# hunting chukar in skull valley/grantsville



## sanur (Dec 11, 2019)

Never hunted chukar before. I see that utah dwr has guzzlers on the mountain range between grantsville and skull valley. Anybody ever taken chukar in this area and what side is best to enter from? Thanks.


----------



## AF CYN (Mar 19, 2009)

I've never been out there, but finding guzzlers is a good sign.


----------



## Ray (May 10, 2018)

First chukar I ever killed was in grantsville


----------



## MooseMeat (Dec 27, 2017)

There’s easier places to kill chukars. That mountain range isn’t one of those places


----------



## 7mm Reloaded (Aug 25, 2015)

I see them almost every time I go target shooting there.


----------



## Critter (Mar 20, 2010)

7MM RELOADED said:


> I see them almost every time I go target shooting there.

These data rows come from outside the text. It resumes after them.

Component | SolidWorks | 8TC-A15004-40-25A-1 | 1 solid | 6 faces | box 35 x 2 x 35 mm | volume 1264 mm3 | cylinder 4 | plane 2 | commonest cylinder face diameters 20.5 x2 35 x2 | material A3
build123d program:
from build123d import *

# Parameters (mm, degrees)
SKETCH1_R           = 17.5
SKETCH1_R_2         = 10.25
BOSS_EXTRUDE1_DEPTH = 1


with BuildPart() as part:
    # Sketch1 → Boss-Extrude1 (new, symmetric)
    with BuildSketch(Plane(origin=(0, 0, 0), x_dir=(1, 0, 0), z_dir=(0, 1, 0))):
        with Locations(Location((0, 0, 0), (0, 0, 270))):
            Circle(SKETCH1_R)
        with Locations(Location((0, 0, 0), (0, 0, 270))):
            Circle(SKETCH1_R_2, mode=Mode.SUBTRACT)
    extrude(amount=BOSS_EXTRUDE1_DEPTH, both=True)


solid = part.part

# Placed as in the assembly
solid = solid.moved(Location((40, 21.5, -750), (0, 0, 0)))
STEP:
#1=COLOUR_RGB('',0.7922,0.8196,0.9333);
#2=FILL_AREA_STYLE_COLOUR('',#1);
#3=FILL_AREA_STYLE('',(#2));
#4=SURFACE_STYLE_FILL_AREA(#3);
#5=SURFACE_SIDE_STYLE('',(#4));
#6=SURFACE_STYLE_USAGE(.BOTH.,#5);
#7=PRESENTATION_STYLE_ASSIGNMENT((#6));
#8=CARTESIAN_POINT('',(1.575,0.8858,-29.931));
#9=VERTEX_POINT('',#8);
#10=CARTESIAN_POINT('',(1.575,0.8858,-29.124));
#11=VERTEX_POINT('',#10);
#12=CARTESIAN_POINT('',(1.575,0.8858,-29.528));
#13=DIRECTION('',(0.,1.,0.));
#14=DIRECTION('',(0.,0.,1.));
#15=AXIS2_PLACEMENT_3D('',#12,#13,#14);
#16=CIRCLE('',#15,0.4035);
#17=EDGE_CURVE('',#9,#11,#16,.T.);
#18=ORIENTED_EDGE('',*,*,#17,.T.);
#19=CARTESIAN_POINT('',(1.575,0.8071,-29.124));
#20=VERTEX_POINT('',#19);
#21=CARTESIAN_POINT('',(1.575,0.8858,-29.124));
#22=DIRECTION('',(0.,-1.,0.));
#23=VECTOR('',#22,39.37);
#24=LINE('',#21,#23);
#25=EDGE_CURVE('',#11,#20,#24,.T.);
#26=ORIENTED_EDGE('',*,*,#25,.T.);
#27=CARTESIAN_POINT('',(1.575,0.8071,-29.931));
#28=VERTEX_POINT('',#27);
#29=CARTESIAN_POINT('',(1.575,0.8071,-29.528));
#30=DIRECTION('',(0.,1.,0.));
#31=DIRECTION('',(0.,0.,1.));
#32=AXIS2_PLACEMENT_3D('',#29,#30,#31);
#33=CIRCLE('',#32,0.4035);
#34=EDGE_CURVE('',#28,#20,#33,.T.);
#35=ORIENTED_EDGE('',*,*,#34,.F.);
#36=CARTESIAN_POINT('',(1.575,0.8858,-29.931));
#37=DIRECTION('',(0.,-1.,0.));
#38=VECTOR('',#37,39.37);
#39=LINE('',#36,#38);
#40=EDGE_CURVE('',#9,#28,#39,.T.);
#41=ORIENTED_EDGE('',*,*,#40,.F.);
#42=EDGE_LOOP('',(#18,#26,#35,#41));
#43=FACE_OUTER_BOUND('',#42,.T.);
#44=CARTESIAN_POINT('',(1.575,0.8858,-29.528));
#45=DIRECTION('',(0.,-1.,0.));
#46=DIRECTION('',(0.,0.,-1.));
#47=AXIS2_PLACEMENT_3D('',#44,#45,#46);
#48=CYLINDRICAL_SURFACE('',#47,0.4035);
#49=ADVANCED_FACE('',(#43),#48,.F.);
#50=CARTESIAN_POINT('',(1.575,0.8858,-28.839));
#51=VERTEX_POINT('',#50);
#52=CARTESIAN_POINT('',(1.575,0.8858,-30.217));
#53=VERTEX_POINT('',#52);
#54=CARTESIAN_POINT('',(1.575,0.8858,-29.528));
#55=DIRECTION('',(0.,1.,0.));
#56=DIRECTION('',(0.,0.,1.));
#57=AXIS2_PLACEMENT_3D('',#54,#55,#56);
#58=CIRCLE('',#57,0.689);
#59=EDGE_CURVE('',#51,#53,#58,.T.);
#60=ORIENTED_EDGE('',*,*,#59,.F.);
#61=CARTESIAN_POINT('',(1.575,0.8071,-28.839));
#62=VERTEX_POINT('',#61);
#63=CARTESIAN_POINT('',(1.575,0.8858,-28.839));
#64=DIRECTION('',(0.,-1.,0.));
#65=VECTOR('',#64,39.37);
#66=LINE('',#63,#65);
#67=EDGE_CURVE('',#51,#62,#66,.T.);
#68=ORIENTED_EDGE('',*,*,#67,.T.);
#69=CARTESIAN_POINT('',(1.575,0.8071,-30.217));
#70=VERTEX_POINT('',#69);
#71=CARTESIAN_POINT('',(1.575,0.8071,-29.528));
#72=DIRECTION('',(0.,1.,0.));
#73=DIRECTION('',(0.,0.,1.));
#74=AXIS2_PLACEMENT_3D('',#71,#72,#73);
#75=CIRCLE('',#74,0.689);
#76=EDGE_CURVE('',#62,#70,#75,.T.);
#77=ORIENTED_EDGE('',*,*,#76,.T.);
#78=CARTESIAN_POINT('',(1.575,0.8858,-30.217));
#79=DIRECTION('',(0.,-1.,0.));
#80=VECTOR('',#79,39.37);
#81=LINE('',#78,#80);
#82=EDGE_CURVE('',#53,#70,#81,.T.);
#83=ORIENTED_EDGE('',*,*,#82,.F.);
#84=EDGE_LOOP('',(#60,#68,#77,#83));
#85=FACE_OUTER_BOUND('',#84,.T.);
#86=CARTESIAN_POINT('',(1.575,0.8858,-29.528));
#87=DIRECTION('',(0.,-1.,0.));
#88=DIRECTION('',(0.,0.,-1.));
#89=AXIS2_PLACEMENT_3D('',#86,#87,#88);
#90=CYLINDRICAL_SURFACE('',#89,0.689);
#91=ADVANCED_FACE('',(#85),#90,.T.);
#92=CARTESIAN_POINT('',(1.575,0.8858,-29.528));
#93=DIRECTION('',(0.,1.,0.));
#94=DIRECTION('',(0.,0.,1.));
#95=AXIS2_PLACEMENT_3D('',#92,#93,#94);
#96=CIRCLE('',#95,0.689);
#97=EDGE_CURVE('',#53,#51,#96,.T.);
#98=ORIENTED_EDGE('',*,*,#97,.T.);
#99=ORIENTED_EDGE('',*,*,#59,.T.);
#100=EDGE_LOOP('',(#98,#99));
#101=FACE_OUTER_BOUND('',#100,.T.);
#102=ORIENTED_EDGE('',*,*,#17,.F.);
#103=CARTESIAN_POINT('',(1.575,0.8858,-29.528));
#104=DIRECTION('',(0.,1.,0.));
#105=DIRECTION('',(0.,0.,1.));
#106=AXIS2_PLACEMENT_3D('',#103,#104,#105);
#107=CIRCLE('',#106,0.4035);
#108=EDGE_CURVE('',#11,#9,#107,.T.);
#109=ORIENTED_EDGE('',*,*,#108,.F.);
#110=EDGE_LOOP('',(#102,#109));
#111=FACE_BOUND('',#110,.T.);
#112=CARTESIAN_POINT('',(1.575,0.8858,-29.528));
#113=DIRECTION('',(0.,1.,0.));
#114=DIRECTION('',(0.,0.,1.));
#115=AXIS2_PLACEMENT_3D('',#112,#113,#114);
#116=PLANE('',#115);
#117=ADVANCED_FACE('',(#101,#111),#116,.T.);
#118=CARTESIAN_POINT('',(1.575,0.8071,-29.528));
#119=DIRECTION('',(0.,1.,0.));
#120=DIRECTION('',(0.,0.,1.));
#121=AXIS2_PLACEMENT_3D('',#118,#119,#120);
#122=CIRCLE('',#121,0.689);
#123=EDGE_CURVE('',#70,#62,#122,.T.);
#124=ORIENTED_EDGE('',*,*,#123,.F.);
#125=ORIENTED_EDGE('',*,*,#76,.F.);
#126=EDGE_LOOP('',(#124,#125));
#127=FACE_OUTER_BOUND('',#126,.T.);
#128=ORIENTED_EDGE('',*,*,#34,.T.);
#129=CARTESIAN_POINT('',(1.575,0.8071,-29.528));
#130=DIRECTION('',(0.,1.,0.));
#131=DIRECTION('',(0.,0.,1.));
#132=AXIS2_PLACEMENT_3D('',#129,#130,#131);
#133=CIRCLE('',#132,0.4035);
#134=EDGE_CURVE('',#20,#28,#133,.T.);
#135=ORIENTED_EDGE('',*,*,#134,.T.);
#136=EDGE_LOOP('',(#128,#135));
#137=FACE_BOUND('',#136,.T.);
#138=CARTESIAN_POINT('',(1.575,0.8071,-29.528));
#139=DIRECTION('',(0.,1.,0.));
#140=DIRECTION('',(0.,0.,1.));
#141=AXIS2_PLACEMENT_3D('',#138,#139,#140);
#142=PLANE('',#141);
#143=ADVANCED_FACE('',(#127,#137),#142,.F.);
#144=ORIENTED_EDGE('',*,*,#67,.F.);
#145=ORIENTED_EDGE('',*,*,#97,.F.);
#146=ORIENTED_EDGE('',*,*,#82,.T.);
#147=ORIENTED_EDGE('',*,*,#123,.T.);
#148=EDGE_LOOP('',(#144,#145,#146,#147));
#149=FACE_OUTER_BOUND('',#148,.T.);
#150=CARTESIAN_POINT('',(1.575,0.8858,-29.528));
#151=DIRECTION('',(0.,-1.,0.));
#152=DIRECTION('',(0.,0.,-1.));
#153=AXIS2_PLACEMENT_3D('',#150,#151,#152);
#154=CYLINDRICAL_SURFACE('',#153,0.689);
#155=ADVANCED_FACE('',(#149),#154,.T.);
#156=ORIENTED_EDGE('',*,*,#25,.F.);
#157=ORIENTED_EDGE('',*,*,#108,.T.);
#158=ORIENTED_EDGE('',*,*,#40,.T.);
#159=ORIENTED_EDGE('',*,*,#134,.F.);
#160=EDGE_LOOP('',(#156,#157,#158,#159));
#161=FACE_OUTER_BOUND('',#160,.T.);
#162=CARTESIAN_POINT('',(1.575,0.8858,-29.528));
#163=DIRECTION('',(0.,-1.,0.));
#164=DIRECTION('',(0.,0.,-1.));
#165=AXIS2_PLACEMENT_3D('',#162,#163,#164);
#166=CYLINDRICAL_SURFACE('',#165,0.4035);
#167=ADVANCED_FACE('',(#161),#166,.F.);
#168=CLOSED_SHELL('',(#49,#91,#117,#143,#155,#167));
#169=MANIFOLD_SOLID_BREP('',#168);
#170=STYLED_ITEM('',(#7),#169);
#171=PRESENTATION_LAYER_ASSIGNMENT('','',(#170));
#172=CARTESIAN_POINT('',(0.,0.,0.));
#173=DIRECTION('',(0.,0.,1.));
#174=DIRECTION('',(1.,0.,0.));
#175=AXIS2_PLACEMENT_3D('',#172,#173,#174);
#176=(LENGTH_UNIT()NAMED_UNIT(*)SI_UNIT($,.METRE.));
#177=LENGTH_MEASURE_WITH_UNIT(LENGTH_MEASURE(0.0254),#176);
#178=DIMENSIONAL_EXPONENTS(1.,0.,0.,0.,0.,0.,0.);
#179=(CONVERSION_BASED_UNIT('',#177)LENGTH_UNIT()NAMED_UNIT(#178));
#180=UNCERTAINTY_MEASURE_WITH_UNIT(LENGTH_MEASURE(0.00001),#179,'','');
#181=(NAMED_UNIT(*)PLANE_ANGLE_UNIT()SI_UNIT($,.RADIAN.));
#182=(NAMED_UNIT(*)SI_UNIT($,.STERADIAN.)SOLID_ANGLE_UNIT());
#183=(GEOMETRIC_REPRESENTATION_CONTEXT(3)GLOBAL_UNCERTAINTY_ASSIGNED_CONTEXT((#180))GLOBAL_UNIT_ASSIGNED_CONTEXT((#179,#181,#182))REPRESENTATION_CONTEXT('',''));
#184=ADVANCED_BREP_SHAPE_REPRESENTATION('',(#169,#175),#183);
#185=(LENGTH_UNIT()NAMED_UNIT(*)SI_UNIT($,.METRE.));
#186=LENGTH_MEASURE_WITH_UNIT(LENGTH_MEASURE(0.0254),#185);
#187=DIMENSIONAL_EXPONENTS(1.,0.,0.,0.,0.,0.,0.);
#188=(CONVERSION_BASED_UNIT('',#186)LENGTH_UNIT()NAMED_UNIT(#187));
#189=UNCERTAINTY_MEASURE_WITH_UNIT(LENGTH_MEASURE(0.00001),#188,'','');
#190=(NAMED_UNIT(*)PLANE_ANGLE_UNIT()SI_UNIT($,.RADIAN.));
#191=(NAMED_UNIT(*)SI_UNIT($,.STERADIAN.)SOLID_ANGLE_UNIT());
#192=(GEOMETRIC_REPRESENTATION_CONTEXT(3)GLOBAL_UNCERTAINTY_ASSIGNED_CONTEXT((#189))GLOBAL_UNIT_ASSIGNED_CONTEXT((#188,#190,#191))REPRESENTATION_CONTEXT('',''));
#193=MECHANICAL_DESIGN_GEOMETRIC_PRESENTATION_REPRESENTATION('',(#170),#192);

Cuckars are like forest grouse.

They are all over the place until you plan on going to hunt them.


----------



## Wire (Nov 2, 2017)

MooseMeat said:


> There's easier places to kill chukars. That mountain range isn't one of those places


+10


----------



## sanur (Dec 11, 2019)

Critter said:


> Cuckars are like forest grouse.
> 
> They are all over the place until you plan on going to hunt them.


Those make me mad... rode my dirt bike in an area and flushed about 5. Went back last weekend hiking around for 3 hours and didn't see nothing!


----------



## sanur (Dec 11, 2019)

MooseMeat said:


> There's easier places to kill chukars. That mountain range isn't one of those places


North, south, farther west?


----------



## Kwalk3 (Jun 21, 2012)

sanur said:


> North, south, farther west?


Yes


----------



## saltydog (Feb 28, 2017)

Sounds like you might have stumbled onto a couple members honey hole.:smile:


----------



## OriginalOscar (Sep 5, 2016)

sanur said:


> Never hunted chukar before. I see that utah dwr has guzzlers on the mountain range between grantsville and skull valley. Anybody ever taken chukar in this area and what side is best to enter from? Thanks.


Responses like JR High. PM sent and let me know how else I can help.

We are blessed with opportunity and it takes time but stay at it.

Good luck

Troy Rushton


----------



## tshuman01 (Jun 23, 2018)

I've hunted the skull valley side 3-4 times and have never seen a bird. I hear them... but can't seem to flush one. I hunted midway down the range. I won't go back.


----------